Introduction

The data inlcuded here comes from a project published by Urban in July 2020 that examines the relationships between built environment and health equity indicators across 72 small and medium size cities in the United States.

Variables include more standard demographic information, including population, unemployment, racial composition, renting/homeowner distribution, as well as built environment indicators like a walkability score, access to park score, and access to healthy food score (all scaled from 1-100). Additional categorical variables include city types, like Center City, Small Rural, Suburban City, or County (which in this data set accounts only for Arlington County, VA) and regions of the United States: Northeast, South, Midwest, and West.

library(tidyverse)
library(skimr)
library(readxl)
library(janitor) 
library(GGally)
library(patchwork)
library(wesanderson)
data_url <- "https://urban-data-catalog.s3.amazonaws.com/drupal-root-live/2020/07/13/Built%20Environment%20Health%20Equity%20Data%20Table.xlsx"
download.file(data_url, destfile = "urban_built_env_data.xlsx")

data_initial <- read_excel("urban_built_env_data.xlsx", 
                           sheet = "City data", range = "A2:BI72")

data_initial <- clean_names(data_initial)
write_csv(data_initial, "urban_health_env.csv")
not_numeric <- c("city", "region", "city_type", "metro_area", "population_trend")

data <- data_initial %>% 
  mutate(across(-not_numeric, as.numeric))

region_names = c("Midwest", "Northeast", "South", "West")
population_trend_names = c("Growing", "Losing Population", "Plateau")
city_type_names_all = c("Center City" , "Suburban City" , "Small Rural" , "County", "Center city" , "Small rural" , "suburban City")

data<- data %>% 
  mutate(region = factor(region, levels = region_names),
         population_trend = factor(population_trend, levels = population_trend_names),
         city_type = factor(city_type, levels = city_type_names_all))

city_type_names = c("Center City" , "Suburban City" , "Small Rural" , "County", "Center City" , "Small Rural" , "Suburban City")

data<-data %>% 
  mutate(city_type = factor(city_type, labels = city_type_names))

data<-data %>% 
  mutate(access_to_healthy_foods = (limited_access_to_healthy_foods-100)*-1)

data<-data %>% 
  mutate(average_ease_of_commute = (average_travel_time_to_work_all - 40)*-1)

First Glimpse at the Data

To gain a basic understanding of this data set with so many different interesting variables to investigate, I began my analysis with a correlelogram.

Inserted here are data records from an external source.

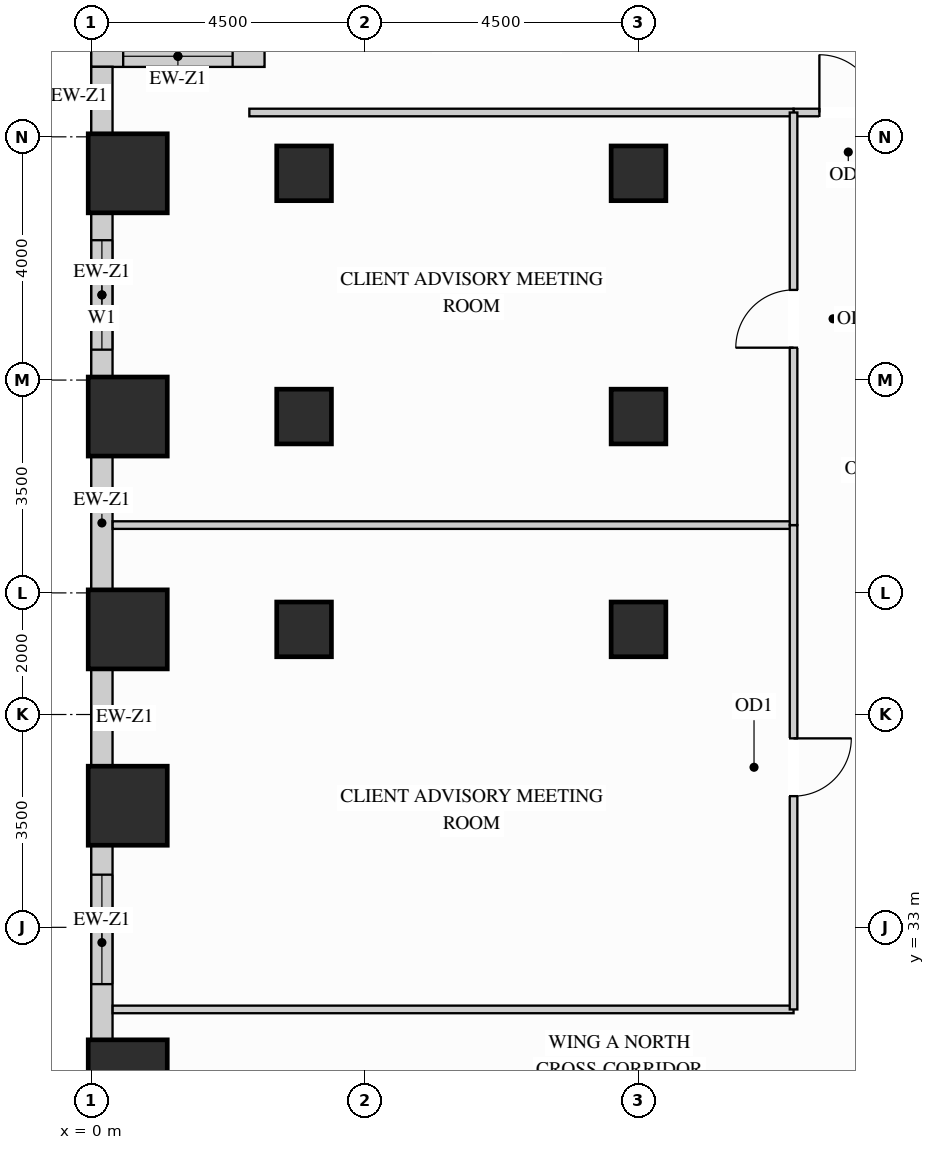
"""IFC4 building model, lengths in metres.
Left out: names, types, materials, properties, quantities, classifications, styles, units other than length and angle.
Written with IfcOpenShell. Run it as: python <this file> out.ifc"""

import sys

from ifc_helpers import new_model, si_unit, direction, frame, frame_2d, origin, origin_2d, place, context, subcontext, project, spatial, rectangle, extrude, source, transform, mapped, element, fill, save


model = new_model("IFC4")
c1 = context("Model", 3, precision=1e-05, world=origin(), true_north=direction((0.0, 1.0)))
c2 = subcontext(c1, "Body", "Model", "MODEL_VIEW")
j1 = project(units=[si_unit("LENGTHUNIT", "METRE"), si_unit("PLANEANGLEUNIT", "RADIAN")], contexts=[c1])
p1 = place(None, origin())
s1 = spatial("IfcSite", under=j1, at=p1, CompositionType="ELEMENT")
p2 = place(p1, origin())
s2 = spatial("IfcBuilding", under=s1, at=p2, CompositionType="ELEMENT")
p3 = place(p2, frame((0.0, 0.0, 40.5)))
s3 = spatial("IfcBuildingStorey", under=s2, at=p3, CompositionType="ELEMENT", Elevation=40.5)
m1 = source(origin(), c2, "Body", "SweptSolid", [
    extrude(rectangle(XDim=0.9, YDim=0.9, at=origin_2d()), origin(), (0.0, 0.0, 1.0), 3.38),
])
for number, where, z_axis, x_axis in (
    (1, (3.5, 37.9, 0.0), (0.0, 0.0, 1.0), (1.0, 0.0, 0.0)),
    (2, (3.5, 41.4, 0.0), (0.0, 0.0, 1.0), (1.0, 0.0, 0.0)),
    (3, (3.5, 45.4, 0.0), (0.0, 0.0, 1.0), (1.0, 0.0, 0.0)),
    (4, (9.0, 37.9, 0.0), (0.0, 0.0, 1.0), (1.0, 0.0, 0.0)),
    (5, (9.0, 41.4, 0.0), (0.0, 0.0, 1.0), (1.0, 0.0, 0.0)),
    (6, (9.0, 45.4, 0.0), (0.0, 0.0, 1.0), (1.0, 0.0, 0.0)),
):
    element("IfcColumn", number, at=place(p3, frame(where, z_axis=z_axis, x_axis=x_axis)), inside=s3, PredefinedType="COLUMN", context=c2, shape_type="MappedRepresentation", body=[
        mapped(m1, transform((0.0, 0.0, 0.0), x_axis=(1.0, 0.0, 0.0), y_axis=(0.0, 1.0, 0.0), z_axis=(0.0, 0.0, 1.0))),
    ])
m2 = source(origin(), c2, "Body", "SweptSolid", [
    extrude(rectangle(XDim=1.3, YDim=1.3, at=origin_2d()), origin(), (0.0, 0.0, 1.0), 3.38),
])
for number, where, z_axis, x_axis in (
    (7, (0.6, 30.5, 0.0), (0.0, 0.0, 1.0), (1.0, 0.0, 0.0)),
    (8, (0.6, 35.0, 0.0), (0.0, 0.0, 1.0), (1.0, 0.0, 0.0)),
    (9, (0.6, 37.9, 0.0), (0.0, 0.0, 1.0), (1.0, 0.0, 0.0)),
    (10, (0.6, 41.4, 0.0), (0.0, 0.0, 1.0), (1.0, 0.0, 0.0)),
    (11, (0.6, 45.4, 0.0), (0.0, 0.0, 1.0), (1.0, 0.0, 0.0)),
):
    element("IfcColumn", number, at=place(p3, frame(where, z_axis=z_axis, x_axis=x_axis)), inside=s3, PredefinedType="COLUMN", context=c2, shape_type="MappedRepresentation", body=[
        mapped(m2, transform((0.0, 0.0, 0.0), x_axis=(1.0, 0.0, 0.0), y_axis=(0.0, 1.0, 0.0), z_axis=(0.0, 0.0, 1.0))),
    ])
p4 = place(p3, frame((2.85, 47.325, 0.0), z_axis=(0.0, 0.0, 1.0), x_axis=(-1.0, 0.0, 0.0)))
e12 = element("IfcWall", 12, at=p4, inside=s3, PredefinedType="SOLIDWALL", context=c2, shape_type="SweptSolid", body=[
    extrude(rectangle(XDim=2.85, YDim=0.35, at=frame_2d((1.425, 0.0))), origin(), (0.0, 0.0, 1.0), 3.365),
])
p5 = place(p4, frame((0.525, 0.0, 0.78)))
e13 = element("IfcOpeningElement", 13, at=p5, cuts=e12, PredefinedType="OPENING", context=c2, shape_type="SweptSolid", body=[
    extrude(rectangle(XDim=1.8, YDim=2.1, at=frame_2d((0.9, 1.05))), frame((0.0, 0.185, 0.0), z_axis=(0.0, -1.0, 0.0), x_axis=(1.0, 0.0, 0.0)), (0.0, 0.0, 1.0), 0.37),
])
m3 = source(origin(), c2, "Body", "SweptSolid", [
    extrude(rectangle(XDim=1.104, YDim=0.35, at=frame_2d((0.552, 0.0))), origin(), (0.0, 0.0, 1.0), 3.365),
])
p6 = place(p3, frame((0.175, 47.152, 0.0), z_axis=(0.0, 0.0, 1.0), x_axis=(0.0, -1.0, 0.0)))
e14 = element("IfcWall", 14, at=p6, inside=s3, PredefinedType="SOLIDWALL", context=c2, shape_type="MappedRepresentation", body=[
    mapped(m3, transform((0.0, 0.0, 0.0), x_axis=(1.0, 0.0, 0.0), y_axis=(0.0, 1.0, 0.0), z_axis=(0.0, 0.0, 1.0))),
])
p7 = place(p3, frame((0.175, 44.752, 0.0), z_axis=(0.0, 0.0, 1.0), x_axis=(0.0, -1.0, 0.0)))
e15 = element("IfcWall", 15, at=p7, inside=s3, PredefinedType="SOLIDWALL", context=c2, shape_type="SweptSolid", body=[
    extrude(rectangle(XDim=2.704, YDim=0.35, at=frame_2d((1.352, 0.0))), origin(), (0.0, 0.0, 1.0), 2.51),
])
p8 = place(p7, frame((0.452, 0.0, 0.78)))
e16 = element("IfcOpeningElement", 16, at=p8, cuts=e15, PredefinedType="OPENING", context=c2, shape_type="SweptSolid", body=[
    extrude(rectangle(XDim=1.8, YDim=1.55, at=frame_2d((0.9, 0.775))), frame((0.0, 0.185, 0.0), z_axis=(0.0, -1.0, 0.0), x_axis=(1.0, 0.0, 0.0)), (0.0, 0.0, 1.0), 0.37),
])
m4 = source(origin(), c2, "Body", "SweptSolid", [
    extrude(rectangle(XDim=2.204, YDim=0.35, at=frame_2d((1.102, 0.0))), origin(), (0.0, 0.0, 1.0), 2.51),
])
p9 = place(p3, frame((0.175, 40.752, 0.0), z_axis=(0.0, 0.0, 1.0), x_axis=(0.0, -1.0, 0.0)))
e17 = element("IfcWall", 17, at=p9, inside=s3, PredefinedType="SOLIDWALL", context=c2, shape_type="MappedRepresentation", body=[
    mapped(m4, transform((0.0, 0.0, 0.0), x_axis=(1.0, 0.0, 0.0), y_axis=(0.0, 1.0, 0.0), z_axis=(0.0, 0.0, 1.0))),
])
m5 = source(origin(), c2, "Body", "SweptSolid", [
    extrude(rectangle(XDim=1.604, YDim=0.35, at=frame_2d((0.802, 0.0))), origin(), (0.0, 0.0, 1.0), 2.51),
])
p10 = place(p3, frame((0.175, 37.252, 0.0), z_axis=(0.0, 0.0, 1.0), x_axis=(0.0, -1.0, 0.0)))
e18 = element("IfcWall", 18, at=p10, inside=s3, PredefinedType="SOLIDWALL", context=c2, shape_type="MappedRepresentation", body=[
    mapped(m5, transform((0.0, 0.0, 0.0), x_axis=(1.0, 0.0, 0.0), y_axis=(0.0, 1.0, 0.0), z_axis=(0.0, 0.0, 1.0))),
])
p11 = place(p3, frame((0.175, 34.352, 0.0), z_axis=(0.0, 0.0, 1.0), x_axis=(0.0, -1.0, 0.0)))
e19 = element("IfcWall", 19, at=p11, inside=s3, PredefinedType="SOLIDWALL", context=c2, shape_type="SweptSolid", body=[
    extrude(rectangle(XDim=3.204, YDim=0.35, at=frame_2d((1.602, 0.0))), origin(), (0.0, 0.0, 1.0), 2.51),
])
p12 = place(p11, frame((0.486, 0.0, 0.78)))
e20 = element("IfcOpeningElement", 20, at=p12, cuts=e19, PredefinedType="OPENING", context=c2, shape_type="SweptSolid", body=[
    extrude(rectangle(XDim=1.8, YDim=1.55, at=frame_2d((0.9, 0.775))), frame((0.0, 0.185, 0.0), z_axis=(0.0, -1.0, 0.0), x_axis=(1.0, 0.0, 0.0)), (0.0, 0.0, 1.0), 0.37),
])
m6 = source(origin(), c2, "Body", "SweptSolid", [
    extrude(rectangle(XDim=11.198, YDim=0.125, at=frame_2d((5.599, 0.0))), origin(), (0.0, 0.0, 1.0), 2.828),
])
for number, where, z_axis, x_axis in (
    (21, (0.352, 31.65, 0.0), (0.0, 0.0, 1.0), (1.0, 0.0, 0.0)),
    (22, (0.352, 39.615, 0.0), (0.0, 0.0, 1.0), (1.0, 0.0, 0.0)),
):
    element("IfcWall", number, at=place(p3, frame(where, z_axis=z_axis, x_axis=x_axis)), inside=s3, PredefinedType="PARTITIONING", context=c2, shape_type="MappedRepresentation", body=[
        mapped(m6, transform((0.0, 0.0, 0.0), x_axis=(1.0, 0.0, 0.0), y_axis=(0.0, 1.0, 0.0), z_axis=(0.0, 0.0, 1.0))),
    ])
p13 = place(p3, frame((11.55, 46.4, 0.0), z_axis=(0.0, 0.0, 1.0), x_axis=(1.0, 0.0, 0.0)))
e23 = element("IfcWall", 23, at=p13, inside=s3, PredefinedType="PARTITIONING", context=c2, shape_type="SweptSolid", body=[
    extrude(rectangle(XDim=1.8, YDim=0.125, at=frame_2d((0.9, 0.0))), origin(), (0.0, 0.0, 1.0), 3.365),
])
p14 = place(p13, frame((0.425, 0.0, 0.0)))
e24 = element("IfcOpeningElement", 24, at=p14, cuts=e23, PredefinedType="OPENING", context=c2, shape_type="SweptSolid", body=[
    extrude(rectangle(XDim=0.95, YDim=2.15, at=frame_2d((0.475, 1.075))), frame((0.0, 0.073, 0.0), z_axis=(0.0, -1.0, 0.0), x_axis=(1.0, 0.0, 0.0)), (0.0, 0.0, 1.0), 0.145),
])
m7 = source(origin(), c2, "Body", "SweptSolid", [
    extrude(rectangle(XDim=8.95, YDim=0.125, at=frame_2d((4.475, 0.0))), origin(), (0.0, 0.0, 1.0), 3.365),
])
p15 = place(p3, frame((2.6, 46.4, 0.0), z_axis=(0.0, 0.0, 1.0), x_axis=(1.0, 0.0, 0.0)))
e25 = element("IfcWall", 25, at=p15, inside=s3, PredefinedType="PARTITIONING", context=c2, shape_type="MappedRepresentation", body=[
    mapped(m7, transform((0.0, 0.0, 0.0), x_axis=(1.0, 0.0, 0.0), y_axis=(0.0, 1.0, 0.0), z_axis=(0.0, 0.0, 1.0))),
])
p16 = place(p3, frame((11.55, 31.65, 0.0), z_axis=(0.0, 0.0, 1.0), x_axis=(0.0, 1.0, 0.0)))
e26 = element("IfcWall", 26, at=p16, inside=s3, PredefinedType="PARTITIONING", context=c2, shape_type="SweptSolid", body=[
    extrude(rectangle(XDim=7.965, YDim=0.125, at=frame_2d((3.982, 0.0))), origin(), (0.0, 0.0, 1.0), 3.365),
])
p17 = place(p16, frame((3.508, 0.0, 0.0)))
e27 = element("IfcOpeningElement", 27, at=p17, cuts=e26, PredefinedType="OPENING", context=c2, shape_type="SweptSolid", body=[
    extrude(rectangle(XDim=0.95, YDim=2.15, at=frame_2d((0.475, 1.075))), frame((0.0, 0.073, 0.0), z_axis=(0.0, -1.0, 0.0), x_axis=(1.0, 0.0, 0.0)), (0.0, 0.0, 1.0), 0.145),
])
p18 = place(p3, frame((11.55, 39.615, 0.0), z_axis=(0.0, 0.0, 1.0), x_axis=(0.0, 1.0, 0.0)))
e28 = element("IfcWall", 28, at=p18, inside=s3, PredefinedType="PARTITIONING", context=c2, shape_type="SweptSolid", body=[
    extrude(rectangle(XDim=6.785, YDim=0.125, at=frame_2d((3.393, 0.0))), origin(), (0.0, 0.0, 1.0), 3.365),
])
p19 = place(p18, frame((2.917, 0.0, 0.0)))
e29 = element("IfcOpeningElement", 29, at=p19, cuts=e28, PredefinedType="OPENING", context=c2, shape_type="SweptSolid", body=[
    extrude(rectangle(XDim=0.95, YDim=2.15, at=frame_2d((0.475, 1.075))), frame((0.0, 0.073, 0.0), z_axis=(0.0, -1.0, 0.0), x_axis=(1.0, 0.0, 0.0)), (0.0, 0.0, 1.0), 0.145),
])
m8 = source(origin(), c2, "Body", "SweptSolid", [
    extrude(rectangle(XDim=0.95, YDim=2.15, at=frame_2d((0.475, 1.075))), frame((0.0, 0.025, 0.0), z_axis=(0.0, -1.0, 0.0), x_axis=(1.0, 0.0, 0.0)), (0.0, 0.0, 1.0), 0.05),
])
p20 = place(p14, origin())
e30 = element("IfcDoor", 30, at=p20, inside=s3, OperationType="SINGLE_SWING_LEFT", PredefinedType="DOOR", context=c2, shape_type="MappedRepresentation", body=[
    mapped(m8, transform((0.0, 0.0, 0.0), x_axis=(1.0, 0.0, 0.0), y_axis=(0.0, 1.0, 0.0), z_axis=(0.0, 0.0, 1.0))),
])
fill(e24, e30)
p21 = place(p17, origin())
e31 = element("IfcDoor", 31, at=p21, inside=s3, OperationType="SINGLE_SWING_RIGHT", PredefinedType="DOOR", context=c2, shape_type="MappedRepresentation", body=[
    mapped(m8, transform((0.0, 0.0, 0.0), x_axis=(1.0, 0.0, 0.0), y_axis=(0.0, 1.0, 0.0), z_axis=(0.0, 0.0, 1.0))),
])
fill(e27, e31)
p22 = place(p19, origin())
e32 = element("IfcDoor", 32, at=p22, inside=s3, OperationType="SINGLE_SWING_LEFT", PredefinedType="DOOR", context=c2, shape_type="MappedRepresentation", body=[
    mapped(m8, transform((0.0, 0.0, 0.0), x_axis=(1.0, 0.0, 0.0), y_axis=(0.0, 1.0, 0.0), z_axis=(0.0, 0.0, 1.0))),
])
fill(e29, e32)
m9 = source(origin(), c2, "Body", "SweptSolid", [
    extrude(rectangle(XDim=1.8, YDim=2.1, at=frame_2d((0.9, 1.05))), frame((0.0, 0.03, 0.0), z_axis=(0.0, -1.0, 0.0), x_axis=(1.0, 0.0, 0.0)), (0.0, 0.0, 1.0), 0.06),
])
p23 = place(p5, origin())
e33 = element("IfcWindow", 33, at=p23, inside=s3, PartitioningType="SINGLE_PANEL", PredefinedType="WINDOW", context=c2, shape_type="MappedRepresentation", body=[
    mapped(m9, transform((0.0, 0.0, 0.0), x_axis=(1.0, 0.0, 0.0), y_axis=(0.0, 1.0, 0.0), z_axis=(0.0, 0.0, 1.0))),
])
fill(e13, e33)
m10 = source(origin(), c2, "Body", "SweptSolid", [
    extrude(rectangle(XDim=1.8, YDim=1.55, at=frame_2d((0.9, 0.775))), frame((0.0, 0.03, 0.0), z_axis=(0.0, -1.0, 0.0), x_axis=(1.0, 0.0, 0.0)), (0.0, 0.0, 1.0), 0.06),
])
p24 = place(p8, origin())
e34 = element("IfcWindow", 34, at=p24, inside=s3, PartitioningType="SINGLE_PANEL", PredefinedType="WINDOW", context=c2, shape_type="MappedRepresentation", body=[
    mapped(m10, transform((0.0, 0.0, 0.0), x_axis=(1.0, 0.0, 0.0), y_axis=(0.0, 1.0, 0.0), z_axis=(0.0, 0.0, 1.0))),
])
fill(e16, e34)
p25 = place(p12, origin())
e35 = element("IfcWindow", 35, at=p25, inside=s3, PartitioningType="SINGLE_PANEL", PredefinedType="WINDOW", context=c2, shape_type="MappedRepresentation", body=[
    mapped(m10, transform((0.0, 0.0, 0.0), x_axis=(1.0, 0.0, 0.0), y_axis=(0.0, 1.0, 0.0), z_axis=(0.0, 0.0, 1.0))),
])
fill(e20, e35)
save(model, sys.argv[1])

This figure shows the associations between the following variables: Walkability Score, Ease of Commute, Transportation Affordability, Park Access, Access to Healthy Foods, and Proportion of Renters.

At first glance, we can recognize a number of these relationships plainly make sense (i.e. More walkable cities should be highly associated with increased access to health foods). However, it’s interesting that people in cities with lower walkability scores have an increased ease commuting. Do some cities support more human scale commuting (like walking or biking) better than others?

City Characteristics

Region

Considering that cities in the Eastern United States are generally older than cities in the West (as many were constructed before the widescale adoption of the car), it may be interesting to investigate differences across regions. In this figure, we decompose the original correlelogram into four geographical regions: Northeast, South, West, and Midwest. We might assume that the oldest cities are in the Northeast and South.

When graphing these plots, we see little no association between walkability and ease of commute in the Northeast. So perhaps proxying the city’s likelihood to be built at more of a human scale by region does not hold; or possibly that assumption does not hold for the cities included in this data set. So, let’s look at what types of cities are in each region.

Here we see that the Midwest has a higher number of Center Cities than any of the other region. We also see that the Northeast has more Suburban Cities than either the Midwest or the South. All this considered, perhaps a more worthwhile analysis could come from comparing cities by their type, either as a Center City or Suburban City.

City Type

Center Cities and Suburban Cities generally have similar associations across these indicators, with two exceptions

  1. Center Cities have a positive association between ease of commuting and transportation affordability, where Suburban Cities have a negative association and

  2. Suburban Cities have a positive association between ease of commuting and park access, where Center Cities have a negative association

Regional Differences in Center Cities

Are there differences between regions in terms of transportation affordability and park access when only look at Center Cities?

The Park Access density plot lacks uniformity among the Center Cities in different regions – each region appears to be doing its own thing. However, the Transportation Affordability density plot for Center Cities in the Northeast peaks around 17.5, where the other regions peak at 20 or above. Why might that be?

Transportation Affordability and Ease of Commute in Center Cities by Region

Here, we ultimately see that the affordability of transportation in Center Cities is associated with a higher ease of commute in all regions except the Northeast, where it appears the affordability of transportation has no correlation with ease of a commute. If I were able to collect additional data, I would be interested in collecting information on additional indicators, like number of stops in the public transit network or total area of the network’s catchment, to better understand what drives the difference between the Northeast and other regions in the United States.